# 5.1 Soundsystem will nicht mit allen Boxen laufen



## Icke&Er (13. Januar 2012)

Hi Leute,

habe mir heute ein Logitech 5.1 Soundsystem gekauft...Logitech X-530
Leider will es nicht mit allen Boxen laufen....nur Vorne-Links und Vorne-Rechts geben Töne ab.

Mainboard:

Asus P8P67
*KEINE* extra Soundkarte

Die Lautsprecher werden alle in den Subwoofer gesteckt und von dort aus geht ein Mikrofonkabel (Rot/Rosa), das obligatorische Lautsprecherkabel (Grün) und ein REAR-Spk. Kabel (Schwarz) weg. An meinem Mobo habe ich hinter auch die passenden Eingänge für. Somit sollte ich ja auch keine extra Soundkarte benötigen!?

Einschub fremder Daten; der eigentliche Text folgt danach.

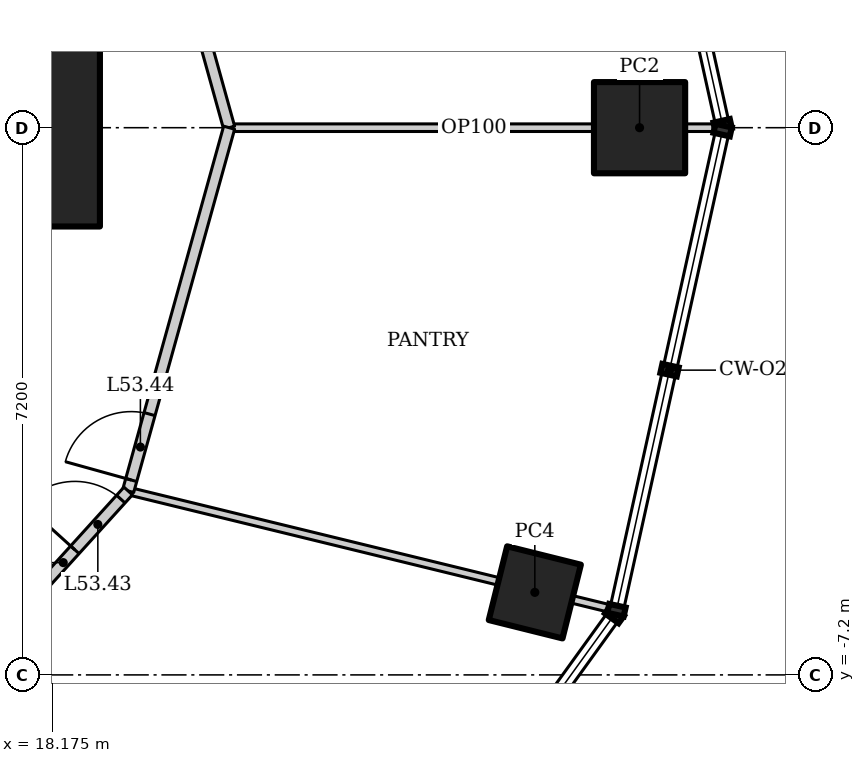
"""IFC4 building model, lengths in metres.
Left out: names, types, materials, properties, quantities, classifications, styles, units other than length and angle.
Written with IfcOpenShell. Run it as: python <this file> out.ifc"""

import sys

from ifc_helpers import new_model, si_unit, direction, frame, frame_2d, origin, origin_2d, place, context, subcontext, project, spatial, rectangle, hollow_rectangle, extrude, element, fill, save


model = new_model("IFC4")
c1 = context("Model", 3, precision=1e-05, world=origin(), true_north=direction((0.0, 1.0)))
c2 = subcontext(c1, "Body", "Model", "MODEL_VIEW")
j1 = project(units=[si_unit("LENGTHUNIT", "METRE"), si_unit("PLANEANGLEUNIT", "RADIAN")], contexts=[c1])
p1 = place(None, origin())
s1 = spatial("IfcSite", under=j1, at=p1, CompositionType="ELEMENT")
p2 = place(p1, origin())
s2 = spatial("IfcBuilding", under=s1, at=p2, CompositionType="ELEMENT")
p3 = place(p2, frame((0.0, 0.0, 228.4)))
s3 = spatial("IfcBuildingStorey", under=s2, at=p3, CompositionType="ELEMENT", Elevation=228.4)
p4 = place(p3, frame((17.5, 0.0, 0.0), z_axis=(0.0, 0.0, 1.0), x_axis=(1.0, 0.0, 0.0)))
e1 = element("IfcColumn", 1, at=p4, inside=s3, PredefinedType="COLUMN", context=c2, shape_type="SweptSolid", body=[
    extrude(hollow_rectangle(XDim=2.6, YDim=2.6, WallThickness=0.13, at=origin_2d()), origin(), (0.0, 0.0, 1.0), 4.2),
])
p5 = place(p3, frame((25.9, 0.0, 0.0), z_axis=(0.0, 0.0, 1.0), x_axis=(1.0, 0.0, 0.0)))
e2 = element("IfcColumn", 2, at=p5, inside=s3, PredefinedType="COLUMN", context=c2, shape_type="SweptSolid", body=[
    extrude(hollow_rectangle(XDim=1.2, YDim=1.2, WallThickness=0.1, at=origin_2d()), origin(), (0.0, 0.0, 1.0), 4.2),
])
p6 = place(p3, frame((24.522, -6.114, 0.0), z_axis=(0.0, 0.0, 1.0), x_axis=(0.2419218956, 0.970295726276, 0.0)))
e3 = element("IfcColumn", 3, at=p6, inside=s3, PredefinedType="COLUMN", context=c2, shape_type="SweptSolid", body=[
    extrude(hollow_rectangle(XDim=1.0, YDim=1.0, WallThickness=0.08, at=origin_2d()), origin(), (0.0, 0.0, 1.0), 4.2),
])
p7 = place(p3, frame((26.944, 0.0, 0.0), z_axis=(0.0, 0.0, 1.0), x_axis=(-1.0, 0.0, 0.0)))
e4 = element("IfcWall", 4, at=p7, inside=s3, PredefinedType="PARTITIONING", context=c2, shape_type="SweptSolid", body=[
    extrude(rectangle(XDim=6.444, YDim=0.1, at=frame_2d((3.222, 0.0))), origin(), (0.0, 0.0, 1.0), 3.349),
])
p8 = place(p3, frame((25.543, -6.335, 0.0), z_axis=(0.0, 0.0, 1.0), x_axis=(-0.971467850621, 0.237171278215, 0.0)))
e5 = element("IfcWall", 5, at=p8, inside=s3, PredefinedType="PARTITIONING", context=c2, shape_type="SweptSolid", body=[
    extrude(rectangle(XDim=6.558, YDim=0.1, at=frame_2d((3.279, 0.0))), origin(), (0.0, 0.0, 1.0), 3.108),
])
p9 = place(p3, frame((20.5, 0.0, 0.0), z_axis=(0.0, 0.0, 1.0), x_axis=(-0.26770731566, 0.963500281859, 0.0)))
e6 = element("IfcWall", 6, at=p9, inside=s3, PredefinedType="PARTITIONING", context=c2, shape_type="SweptSolid", body=[
    extrude(rectangle(XDim=4.961, YDim=0.15, at=frame_2d((2.48, 0.0))), origin(), (0.0, 0.0, 1.0), 4.05),
])
p10 = place(p3, frame((19.172, -4.78, 0.0), z_axis=(0.0, 0.0, 1.0), x_axis=(0.26770731566, 0.963500281859, 0.0)))
e7 = element("IfcWall", 7, at=p10, inside=s3, PredefinedType="PARTITIONING", context=c2, shape_type="SweptSolid", body=[
    extrude(rectangle(XDim=4.961, YDim=0.15, at=frame_2d((2.48, 0.0))), origin(), (0.0, 0.0, 1.0), 4.05),
])
p11 = place(p10, frame((0.15, 0.0, 0.0)))
e8 = element("IfcOpeningElement", 8, at=p11, cuts=e7, PredefinedType="OPENING", context=c2, shape_type="SweptSolid", body=[
    extrude(rectangle(XDim=0.9, YDim=2.1, at=frame_2d((0.45, 1.05))), frame((0.0, 0.085, 0.0), z_axis=(0.0, -1.0, 0.0), x_axis=(1.0, 0.0, 0.0)), (0.0, 0.0, 1.0), 0.17),
])
p12 = place(p3, frame((17.463, -6.665, 0.0), z_axis=(0.0, 0.0, 1.0), x_axis=(0.671721890643, 0.74080341632, 0.0)))
e9 = element("IfcWall", 9, at=p12, inside=s3, PredefinedType="PARTITIONING", context=c2, shape_type="SweptSolid", body=[
    extrude(rectangle(XDim=2.544, YDim=0.15, at=frame_2d((1.272, 0.0))), origin(), (0.0, 0.0, 1.0), 4.05),
])
p13 = place(p12, frame((1.5, 0.0, 0.0)))
e10 = element("IfcOpeningElement", 10, at=p13, cuts=e9, PredefinedType="OPENING", context=c2, shape_type="SweptSolid", body=[
    extrude(rectangle(XDim=0.9, YDim=2.1, at=frame_2d((0.45, 1.05))), frame((0.0, 0.085, 0.0), z_axis=(0.0, -1.0, 0.0), x_axis=(1.0, 0.0, 0.0)), (0.0, 0.0, 1.0), 0.17),
])
p14 = place(p13, origin())
e11 = element("IfcDoor", 11, at=p14, inside=s3, OperationType="SINGLE_SWING_LEFT", PredefinedType="DOOR", context=c2, shape_type="SweptSolid", body=[
    extrude(rectangle(XDim=0.9, YDim=2.1, at=frame_2d((0.45, 1.05))), frame((0.0, 0.025, 0.0), z_axis=(0.0, -1.0, 0.0), x_axis=(1.0, 0.0, 0.0)), (0.0, 0.0, 1.0), 0.05),
])
fill(e10, e11)
p15 = place(p11, origin())
e12 = element("IfcDoor", 12, at=p15, inside=s3, OperationType="SINGLE_SWING_LEFT", PredefinedType="DOOR", context=c2, shape_type="SweptSolid", body=[
    extrude(rectangle(XDim=0.9, YDim=2.1, at=frame_2d((0.45, 1.05))), frame((0.0, 0.025, 0.0), z_axis=(0.0, -1.0, 0.0), x_axis=(1.0, 0.0, 0.0)), (0.0, 0.0, 1.0), 0.05),
])
fill(e8, e12)
save(model, sys.argv[1])

Leider gehen aber nur die Boxen, die in dem normalen (grünen) Eingang stecken. Stecke ich die REAR-Speaker in den Eingang gehen auch die. 
Ist da was an meinem Mobo defekt oder warum geht das alles nicht????

Brauche da echt schnelle Hilfe!

MFG


----------



## Sync (13. Januar 2012)

Du musst die Lautsprecher schon mit 5.1 "füttern" damit sie 5.1 wiedergeben.
Front/Sub sind ja für Stereo verantwortlich.

Und hast du die anderen Ausgänge auch aktiviert?


----------



## watercooled (13. Januar 2012)

Genau. Damit alle Boxen Ton ausgeben, brauchst du ein passendes Eingangssignal


----------



## PommesmannXXL (13. Januar 2012)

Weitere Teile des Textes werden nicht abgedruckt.